It is homecoming weekend here at the University of Trees. Love that word: Homecoming. It’s the season for such things.
I want to apologize for the Mike Ditka costume I’ll be wearing this weekend. You may have no idea who Mike Ditka is. In short, he is the greatest man who ever lived.
If martinis and red meat are so bad, how come steakhouses are so full of old people?
I now wake my teen son for school by tossing dog treats in his bed and turning White Fang loose to roust him. Tell you what, it works.
Wait till you see this tailgate, in the gauzy Brigadoon that surrounds the Rose Bowl, a pre-game party that is coming together like a Harold Pinter play.

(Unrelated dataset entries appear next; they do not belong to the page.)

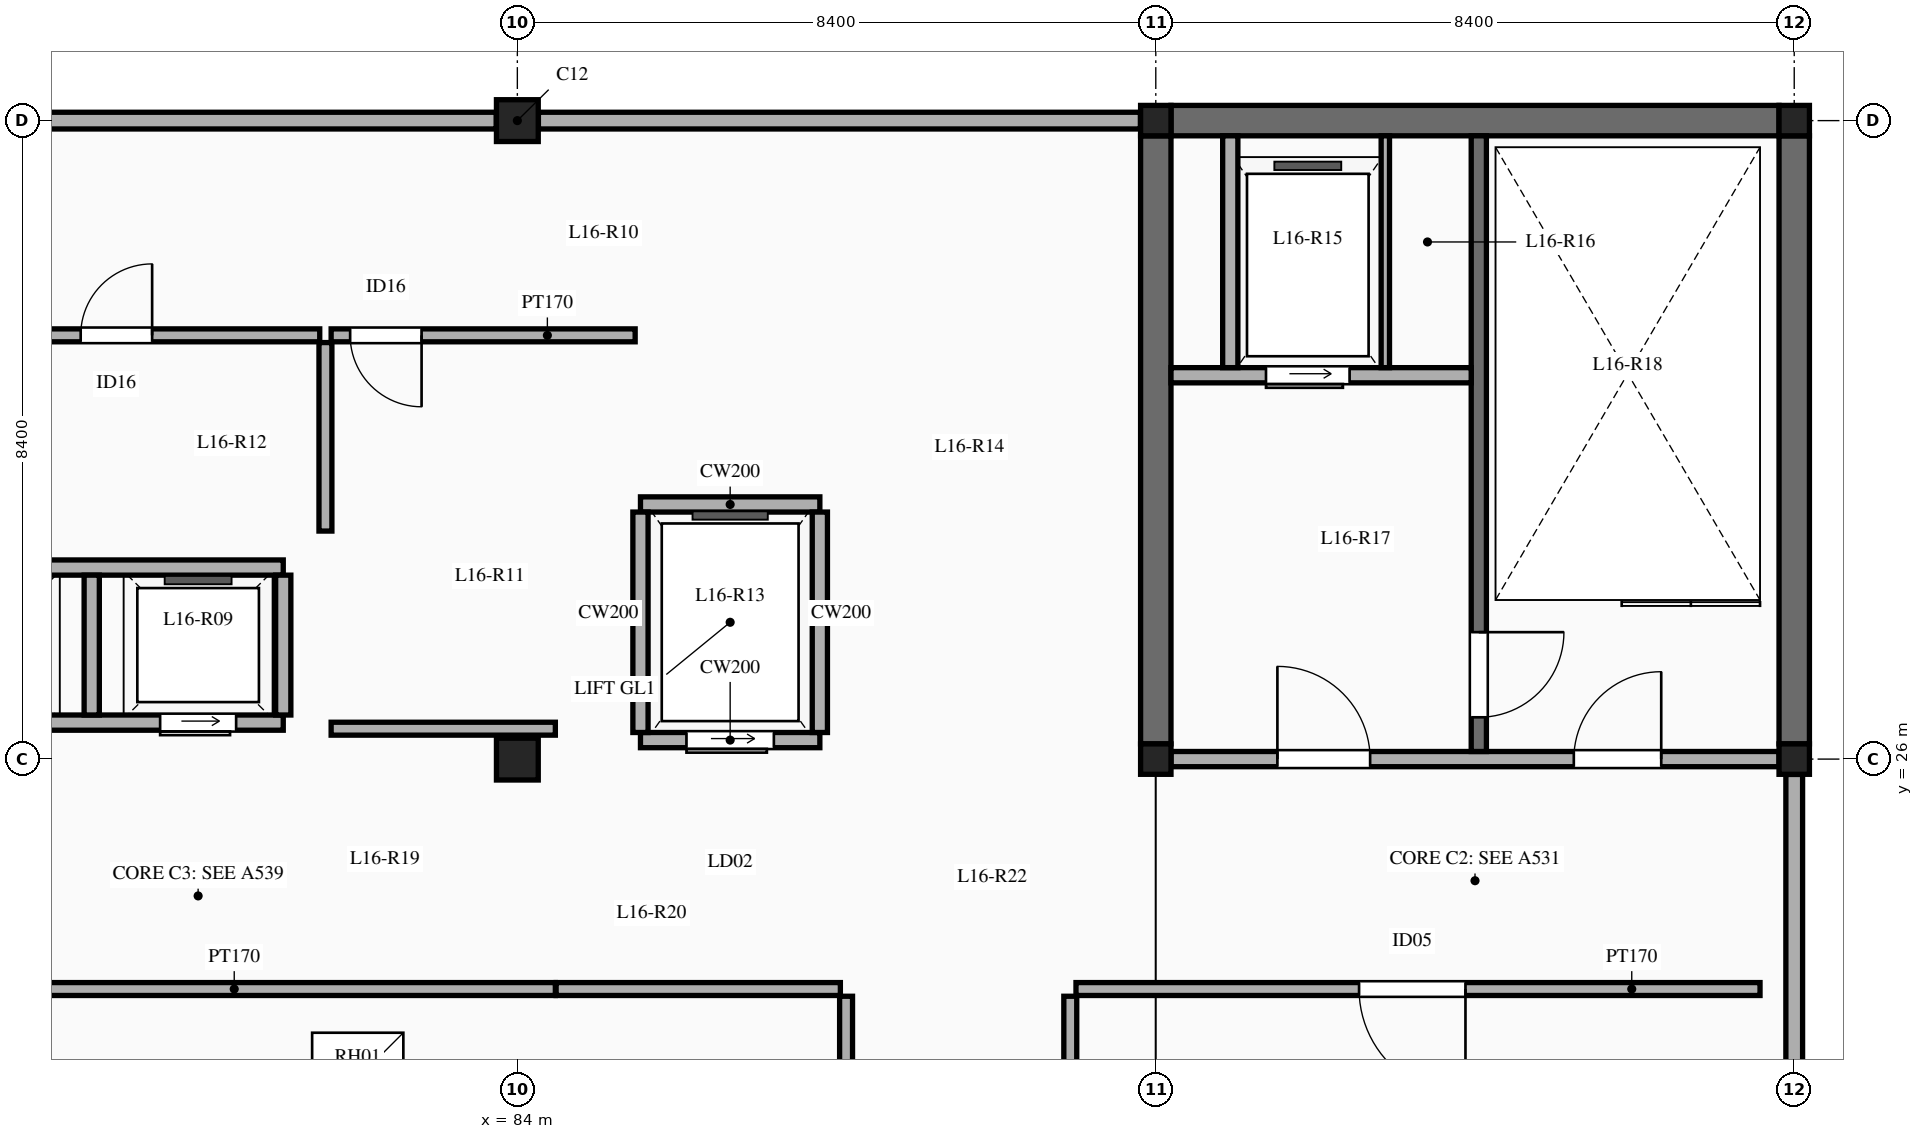
"""IFC4 building model, lengths in metres.
Left out: names, types, materials, properties, quantities, classifications, styles, units other than length and angle.
Written with IfcOpenShell. Run it as: python <this file> out.ifc"""

import sys

from ifc_helpers import new_model, si_unit, direction, frame, frame_2d, origin, origin_2d, place, context, subcontext, project, spatial, rectangle, extrude, element, fill, save


model = new_model("IFC4")
c1 = context("Model", 3, precision=1e-05, world=origin(), true_north=direction((0.0, 1.0)))
c2 = subcontext(c1, "Body", "Model", "MODEL_VIEW")
j1 = project(units=[si_unit("LENGTHUNIT", "METRE"), si_unit("PLANEANGLEUNIT", "RADIAN")], contexts=[c1])
p1 = place(None, origin())
s1 = spatial("IfcSite", under=j1, at=p1, CompositionType="ELEMENT")
p2 = place(p1, origin())
s2 = spatial("IfcBuilding", under=s1, at=p2, CompositionType="ELEMENT")
p3 = place(p2, frame((0.0, 0.0, 73.5)))
s3 = spatial("IfcBuildingStorey", under=s2, at=p3, CompositionType="ELEMENT", Elevation=73.5)
for number, where, z_axis, x_axis in (
    (1, (84.0, 26.0, 0.0), (0.0, 0.0, 1.0), (1.0, 0.0, 0.0)),
    (2, (84.0, 34.4, 0.0), (0.0, 0.0, 1.0), (1.0, 0.0, 0.0)),
):
    element("IfcColumn", number, at=place(p3, frame(where, z_axis=z_axis, x_axis=x_axis)), inside=s3, PredefinedType="COLUMN", context=c2, shape_type="SweptSolid", body=[
        extrude(rectangle(XDim=0.55, YDim=0.55, at=origin_2d()), origin(), (0.0, 0.0, 1.0), 4.5),
    ])
for number, where, z_axis, x_axis in (
    (3, (92.4, 26.0, 0.0), (0.0, 0.0, 1.0), (1.0, 0.0, 0.0)),
    (4, (92.4, 34.4, 0.0), (0.0, 0.0, 1.0), (1.0, 0.0, 0.0)),
    (5, (100.8, 26.0, 0.0), (0.0, 0.0, 1.0), (1.0, 0.0, 0.0)),
    (6, (100.8, 34.4, 0.0), (0.0, 0.0, 1.0), (1.0, 0.0, 0.0)),
):
    element("IfcColumn", number, at=place(p3, frame(where, z_axis=z_axis, x_axis=x_axis)), inside=s3, PredefinedType="COLUMN", context=c2, shape_type="SweptSolid", body=[
        extrude(rectangle(XDim=0.4, YDim=0.4, at=origin_2d()), origin(), (0.0, 0.0, 1.0), 4.5),
    ])
for number, where, z_axis, x_axis in (
    (7, (92.4, 26.2, 0.0), (0.0, 0.0, 1.0), (0.0, 1.0, 0.0)),
    (8, (100.8, 26.2, 0.0), (0.0, 0.0, 1.0), (0.0, 1.0, 0.0)),
    (9, (92.6, 34.4, 0.0), (0.0, 0.0, 1.0), (1.0, 0.0, 0.0)),
):
    element("IfcWall", number, at=place(p3, frame(where, z_axis=z_axis, x_axis=x_axis)), inside=s3, PredefinedType="SHEAR", context=c2, shape_type="SweptSolid", body=[
        extrude(rectangle(XDim=8.0, YDim=0.4, at=frame_2d((4.0, 0.0))), origin(), (0.0, 0.0, 1.0), 4.5),
    ])
p4 = place(p3, frame((75.877, 34.4, 0.0), z_axis=(0.0, 0.0, 1.0), x_axis=(1.0, 0.0, 0.0)))
e10 = element("IfcWall", 10, at=p4, inside=s3, PredefinedType="USERDEFINED", context=c2, shape_type="SweptSolid", body=[
    extrude(rectangle(XDim=7.846, YDim=0.22, at=frame_2d((3.923, 0.0))), origin(), (0.0, 0.0, 1.0), 3.55),
])
p5 = place(p3, frame((84.277, 34.4, 0.0), z_axis=(0.0, 0.0, 1.0), x_axis=(1.0, 0.0, 0.0)))
e11 = element("IfcWall", 11, at=p5, inside=s3, PredefinedType="USERDEFINED", context=c2, shape_type="SweptSolid", body=[
    extrude(rectangle(XDim=7.921, YDim=0.22, at=frame_2d((3.96, 0.0))), origin(), (0.0, 0.0, 1.0), 3.55),
])
p6 = place(p3, frame((100.8, 17.877, 0.0), z_axis=(0.0, 0.0, 1.0), x_axis=(0.0, 1.0, 0.0)))
e12 = element("IfcWall", 12, at=p6, inside=s3, PredefinedType="USERDEFINED", context=c2, shape_type="SweptSolid", body=[
    extrude(rectangle(XDim=7.921, YDim=0.22, at=frame_2d((3.96, 0.0))), origin(), (0.0, 0.0, 1.0), 3.55),
])
p7 = place(p3, frame((92.6, 26.0, 0.0), z_axis=(0.0, 0.0, 1.0), x_axis=(1.0, 0.0, 0.0)))
e13 = element("IfcWall", 13, at=p7, inside=s3, PredefinedType="SOLIDWALL", context=c2, shape_type="SweptSolid", body=[
    extrude(rectangle(XDim=8.0, YDim=0.2, at=frame_2d((4.0, 0.0))), origin(), (0.0, 0.0, 1.0), 3.88),
])
p8 = place(p7, frame((1.4, 0.0, 0.0)))
e14 = element("IfcOpeningElement", 14, at=p8, cuts=e13, PredefinedType="OPENING", context=c2, shape_type="SweptSolid", body=[
    extrude(rectangle(XDim=1.22, YDim=2.15, at=frame_2d((0.61, 1.075))), frame((0.0, 0.11, 0.0), z_axis=(0.0, -1.0, 0.0), x_axis=(1.0, 0.0, 0.0)), (0.0, 0.0, 1.0), 0.22),
])
p9 = place(p7, frame((5.3, 0.0, 0.0)))
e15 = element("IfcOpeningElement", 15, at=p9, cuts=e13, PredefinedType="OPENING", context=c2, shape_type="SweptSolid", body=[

I got my very first awkward kiss, from a slinky actress in the lot behind the high school. Terri was a tad taller than me, with twisty legs of licorice.
We’re all star dust, remember? No matter who we are, how successful, how short, how strong, how naked, at the end of the day we’re all merely cosmic dust (hydrogen, lithium, merlot…)
True story: Cervantes once took a civil service job with the Spanish Armada, messed up the money, went to prison, and got a really great book out of it. Sometimes, even when you lose, you win.
I remember dropping Smartacus off to college a year ago. For a week, I could barely breathe. Doctors thought I’d died.